14. Playing electric guitar with my improv friends used to trigger my kundalini energy, though I didn’t know what it was at the time. Tai chi practice calmed it down to an enjoyably ripply, tingly thing.
15. I have been told by several people that they heard my doctoral dissertation was over a thousand pages long. One estimate put it closer to 2000. (Apparently it was used as an example of what academe can do to someone if they’re not careful: “don’t get carried away like Adrian did; look what happened to him…”) In actual fact, it was (drumroll…) all of four hundred and sixty-three pages long, plus appendices and bibliography.
16. My favourite festivals are/were Burning Man, Starwood, Glastonbury, and Sheshory.
17. My wildest spiritual experience took place with a wannabe shaman in the steppes of southern Ukraine, and with a concoction of his he called “soma” (the milk of the gods, in the Vedas). I’ll spare you the details, but if I was L. Ron Hubbard I would have started a religion from the experience.
18. In 1990 I accompanied Greenpeace International chairman David McTaggart on a semi-secretive mission to the Chernobyl “zone.” He had me translate as he got blind-Scottish-drunk and got our Ukrainian secret service tag-along even drunker, to fish out some information from the hapless bastard. By the end of it they were great friends, vodka-swilling bosom buddies (for a night).
19. I used to do the graveyard shift at York University’s Electronic Music Studio, and another at the old folks’ home where I worked for years, photocopying library books and reading them half the night. I wouldn’t be able to do either anymore.
20. I conducted a Ukrainian choir for years. One year we were taken to the Middle East by a Mother-of-God loving monk-benefactor to sing for world peace. We chanted in a 4th (?) century monastery in the desert, communed with Egyptian gods in the pyramids, and floated on the Dead Sea. Some of our molecules are still there, floating.
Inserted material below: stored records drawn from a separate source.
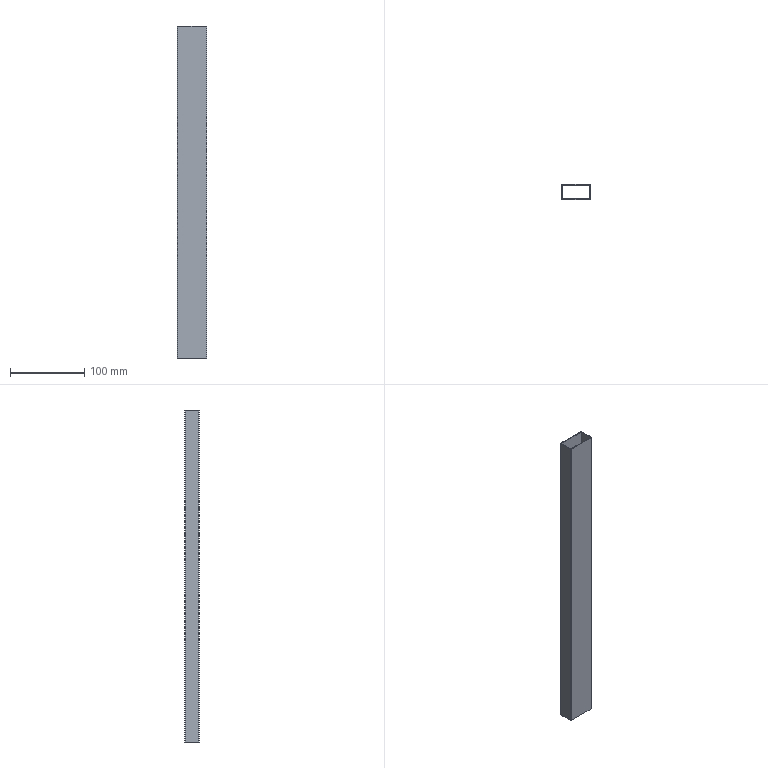Component | SolidWorks | DrawerStiffenerInner-1 | 1 solid | 14 faces | box 40 x 20 x 448.5 mm | volume 61616 mm3 | plane 10 | cylinder 4 | commonest cylinder face diameters 2 x4
build123d program:
from build123d import *

# Parameters (mm, degrees)
SKETCH1_W           = 17.6
SKETCH1_H           = 37.6
BOSS_EXTRUDE1_DEPTH = 448.5


with BuildPart() as part:
    # Sketch1 → Boss-Extrude1 (new body)
    with BuildSketch(Plane(origin=(0, 0, 0), x_dir=(1, 0, 0), z_dir=(0, 1, 0))):
        with BuildLine():
            Line((-9, 20), (9, 20))
            ThreePointArc((9, 20), (9.707, 19.707), (10, 19))
            Line((10, 19), (10, -19))
            ThreePointArc((10, -19), (9.707, -19.707), (9, -20))
            Line((9, -20), (-9, -20))
            ThreePointArc((-9, -20), (-9.707, -19.707), (-10, -19))
            Line((-10, -19), (-10, 19))
            ThreePointArc((-10, 19), (-9.707, 19.707), (-9, 20))
        make_face()
        Rectangle(SKETCH1_W, SKETCH1_H, mode=Mode.SUBTRACT)
    extrude(amount=BOSS_EXTRUDE1_DEPTH)


solid = part.part

# Placed as in the assembly
solid = solid.moved(Location((38.5, 246, -128.5), (90, -90, 0)))
STEP:
#1=COLOUR_RGB('',0.7922,0.8196,0.9333);
#2=FILL_AREA_STYLE_COLOUR('',#1);
#3=FILL_AREA_STYLE('',(#2));
#4=SURFACE_STYLE_FILL_AREA(#3);
#5=SURFACE_SIDE_STYLE('',(#4));
#6=SURFACE_STYLE_USAGE(.BOTH.,#5);
#7=PRESENTATION_STYLE_ASSIGNMENT((#6));
#8=CARTESIAN_POINT('',(0.7677,9.291,-5.059));
#9=VERTEX_POINT('',#8);
#10=CARTESIAN_POINT('',(0.7283,9.331,-5.059));
#11=VERTEX_POINT('',#10);
#12=CARTESIAN_POINT('',(0.7677,9.331,-5.059));
#13=DIRECTION('',(0.,-0.,-1.));
#14=DIRECTION('',(-1.,0.,0.));
#15=AXIS2_PLACEMENT_3D('',#12,#13,#14);
#16=CIRCLE('',#15,0.03937);
#17=EDGE_CURVE('',#9,#11,#16,.T.);
#18=ORIENTED_EDGE('',*,*,#17,.T.);
#19=CARTESIAN_POINT('',(0.7283,10.039,-5.059));
#20=VERTEX_POINT('',#19);
#21=CARTESIAN_POINT('',(0.7283,9.331,-5.059));
#22=DIRECTION('',(0.,1.,-0.));
#23=VECTOR('',#22,39.37);
#24=LINE('',#21,#23);
#25=EDGE_CURVE('',#11,#20,#24,.T.);
#26=ORIENTED_EDGE('',*,*,#25,.T.);
#27=CARTESIAN_POINT('',(0.7677,10.079,-5.059));
#28=VERTEX_POINT('',#27);
#29=CARTESIAN_POINT('',(0.7677,10.039,-5.059));
#30=DIRECTION('',(0.,-0.,-1.));
#31=DIRECTION('',(1.,0.,0.));
#32=AXIS2_PLACEMENT_3D('',#29,#30,#31);
#33=CIRCLE('',#32,0.03937);
#34=EDGE_CURVE('',#20,#28,#33,.T.);
#35=ORIENTED_EDGE('',*,*,#34,.T.);
#36=CARTESIAN_POINT('',(2.264,10.079,-5.059));
#37=VERTEX_POINT('',#36);
#38=CARTESIAN_POINT('',(2.264,10.079,-5.059));
#39=DIRECTION('',(1.,-0.,0.));
#40=VECTOR('',#39,39.37);
#41=LINE('',#38,#40);
#42=EDGE_CURVE('',#28,#37,#41,.T.);
#43=ORIENTED_EDGE('',*,*,#42,.T.);
#44=CARTESIAN_POINT('',(2.303,10.039,-5.059));
#45=VERTEX_POINT('',#44);
#46=CARTESIAN_POINT('',(2.264,10.039,-5.059));
#47=DIRECTION('',(0.,-0.,-1.));
#48=DIRECTION('',(-1.,0.,0.));
#49=AXIS2_PLACEMENT_3D('',#46,#47,#48);
#50=CIRCLE('',#49,0.03937);
#51=EDGE_CURVE('',#37,#45,#50,.T.);
#52=ORIENTED_EDGE('',*,*,#51,.T.);
#53=CARTESIAN_POINT('',(2.303,9.331,-5.059));
#54=VERTEX_POINT('',#53);
#55=CARTESIAN_POINT('',(2.303,9.331,-5.059));
#56=DIRECTION('',(-0.,-1.,0.));
#57=VECTOR('',#56,39.37);
#58=LINE('',#55,#57);
#59=EDGE_CURVE('',#45,#54,#58,.T.);
#60=ORIENTED_EDGE('',*,*,#59,.T.);
#61=CARTESIAN_POINT('',(2.264,9.291,-5.059));
#62=VERTEX_POINT('',#61);
#63=CARTESIAN_POINT('',(2.264,9.331,-5.059));
#64=DIRECTION('',(0.,-0.,-1.));
#65=DIRECTION('',(-1.,0.,0.));
#66=AXIS2_PLACEMENT_3D('',#63,#64,#65);
#67=CIRCLE('',#66,0.03937);
#68=EDGE_CURVE('',#54,#62,#67,.T.);
#69=ORIENTED_EDGE('',*,*,#68,.T.);
#70=CARTESIAN_POINT('',(2.264,9.291,-5.059));
#71=DIRECTION('',(-1.,0.,-0.));
#72=VECTOR('',#71,39.37);
#73=LINE('',#70,#72);
#74=EDGE_CURVE('',#62,#9,#73,.T.);
#75=ORIENTED_EDGE('',*,*,#74,.T.);
#76=EDGE_LOOP('',(#18,#26,#35,#43,#52,#60,#69,#75));
#77=FACE_OUTER_BOUND('',#76,.T.);
#78=CARTESIAN_POINT('',(2.256,9.339,-5.059));
#79=VERTEX_POINT('',#78);
#80=CARTESIAN_POINT('',(0.7756,9.339,-5.059));
#81=VERTEX_POINT('',#80);
#82=CARTESIAN_POINT('',(2.256,9.339,-5.059));
#83=DIRECTION('',(-1.,0.,-0.));
#84=VECTOR('',#83,39.37);
#85=LINE('',#82,#84);
#86=EDGE_CURVE('',#79,#81,#85,.T.);
#87=ORIENTED_EDGE('',*,*,#86,.F.);
#88=CARTESIAN_POINT('',(2.256,10.031,-5.059));
#89=VERTEX_POINT('',#88);
#90=CARTESIAN_POINT('',(2.256,9.339,-5.059));
#91=DIRECTION('',(-0.,-1.,0.));
#92=VECTOR('',#91,39.37);
#93=LINE('',#90,#92);
#94=EDGE_CURVE('',#89,#79,#93,.T.);
#95=ORIENTED_EDGE('',*,*,#94,.F.);
#96=CARTESIAN_POINT('',(0.7756,10.031,-5.059));
#97=VERTEX_POINT('',#96);
#98=CARTESIAN_POINT('',(2.256,10.031,-5.059));
#99=DIRECTION('',(1.,-0.,0.));
#100=VECTOR('',#99,39.37);
#101=LINE('',#98,#100);
#102=EDGE_CURVE('',#97,#89,#101,.T.);
#103=ORIENTED_EDGE('',*,*,#102,.F.);
#104=CARTESIAN_POINT('',(0.7756,9.339,-5.059));
#105=DIRECTION('',(0.,1.,-0.));
#106=VECTOR('',#105,39.37);
#107=LINE('',#104,#106);
#108=EDGE_CURVE('',#81,#97,#107,.T.);
#109=ORIENTED_EDGE('',*,*,#108,.F.);
#110=EDGE_LOOP('',(#87,#95,#103,#109));
#111=FACE_BOUND('',#110,.T.);
#112=CARTESIAN_POINT('',(0.7677,9.331,-5.059));
#113=DIRECTION('',(0.,-0.,-1.));
#114=DIRECTION('',(-1.,0.,-0.));
#115=AXIS2_PLACEMENT_3D('',#112,#113,#114);
#116=PLANE('',#115);
#117=ADVANCED_FACE('',(#77,#111),#116,.T.);
#118=CARTESIAN_POINT('',(0.7677,9.291,12.598));
#119=VERTEX_POINT('',#118);
#120=CARTESIAN_POINT('',(0.7283,9.331,12.598));
#121=VERTEX_POINT('',#120);
#122=CARTESIAN_POINT('',(0.7677,9.331,12.598));
#123=DIRECTION('',(0.,-0.,-1.));
#124=DIRECTION('',(-1.,0.,0.));
#125=AXIS2_PLACEMENT_3D('',#122,#123,#124);
#126=CIRCLE('',#125,0.03937);
#127=EDGE_CURVE('',#119,#121,#126,.T.);
#128=ORIENTED_EDGE('',*,*,#127,.F.);
#129=CARTESIAN_POINT('',(2.264,9.291,12.598));
#130=VERTEX_POINT('',#129);
#131=CARTESIAN_POINT('',(2.264,9.291,12.598));
#132=DIRECTION('',(-1.,0.,-0.));
#133=VECTOR('',#132,39.37);
#134=LINE('',#131,#133);
#135=EDGE_CURVE('',#130,#119,#134,.T.);
#136=ORIENTED_EDGE('',*,*,#135,.F.);
#137=CARTESIAN_POINT('',(2.303,9.331,12.598));
#138=VERTEX_POINT('',#137);
#139=CARTESIAN_POINT('',(2.264,9.331,12.598));
#140=DIRECTION('',(0.,-0.,-1.));
#141=DIRECTION('',(-1.,0.,0.));
#142=AXIS2_PLACEMENT_3D('',#139,#140,#141);
#143=CIRCLE('',#142,0.03937);
#144=EDGE_CURVE('',#138,#130,#143,.T.);
#145=ORIENTED_EDGE('',*,*,#144,.F.);
#146=CARTESIAN_POINT('',(2.303,10.039,12.598));
#147=VERTEX_POINT('',#146);
#148=CARTESIAN_POINT('',(2.303,9.331,12.598));
#149=DIRECTION('',(-0.,-1.,0.));
#150=VECTOR('',#149,39.37);
#151=LINE('',#148,#150);
#152=EDGE_CURVE('',#147,#138,#151,.T.);
#153=ORIENTED_EDGE('',*,*,#152,.F.);
#154=CARTESIAN_POINT('',(2.264,10.079,12.598));
#155=VERTEX_POINT('',#154);
#156=CARTESIAN_POINT('',(2.264,10.039,12.598));
#157=DIRECTION('',(0.,-0.,-1.));
#158=DIRECTION('',(-1.,0.,0.));
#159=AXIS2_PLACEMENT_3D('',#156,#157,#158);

21. Driving into Vermont from Canada on my first re-entry into the U.S. after getting my Green Card, the border official smiled at me (as much as a border official can smile). “Welcome home,” he said. I didn’t know what to say. Home, huh. It felt nice, and tingly. And just a little perplexing.
22. After having my backpack stolen from the Warsaw train station in 1988, I spent 14 hours on a milk-run train that stopped everywhere and got so full I could barely stand. There were no seats available, and I saw at least four people scrunched together in the bathroom at one point. When I arrived for the first time in my Carpathian mountain hilltop village destination I felt I had really arrived home, and I slept and slept.
23. I love wandering in foreign cities under double moons (cf. Dhalgren, above).
24. I love mixing kefir and muesli and granola and nuts and berries. If I believed in reincarnation I would think I might have been a Caucasian sheep herder in a past life.
25. I love the ocean. It’s where I come from and where I’ll always return. Kind of like that wormhole outside time in the very first episode of Star Trek: Deep Space Nine. See you all there.
*
Post-amble: The idea with these is that once you’re tagged, you’re supposed to share 25 things about yourself. I was tagged on Facebook a long time ago and wrote these in response. There’s little to be embarrassed about here, I figure (and only the barest hint of poetic license in a few spots), so there you have them…
You might like this site on East-West dialogue, Whitehead, Buddhism, jazz, food, hybridity, etc. I just found it.
http://www.jesusjazzbuddhism.org/index.html
I discovered your blog today and I have read some posts already. I was wondering what are some good books for someone to read that is fairly new to philosophy?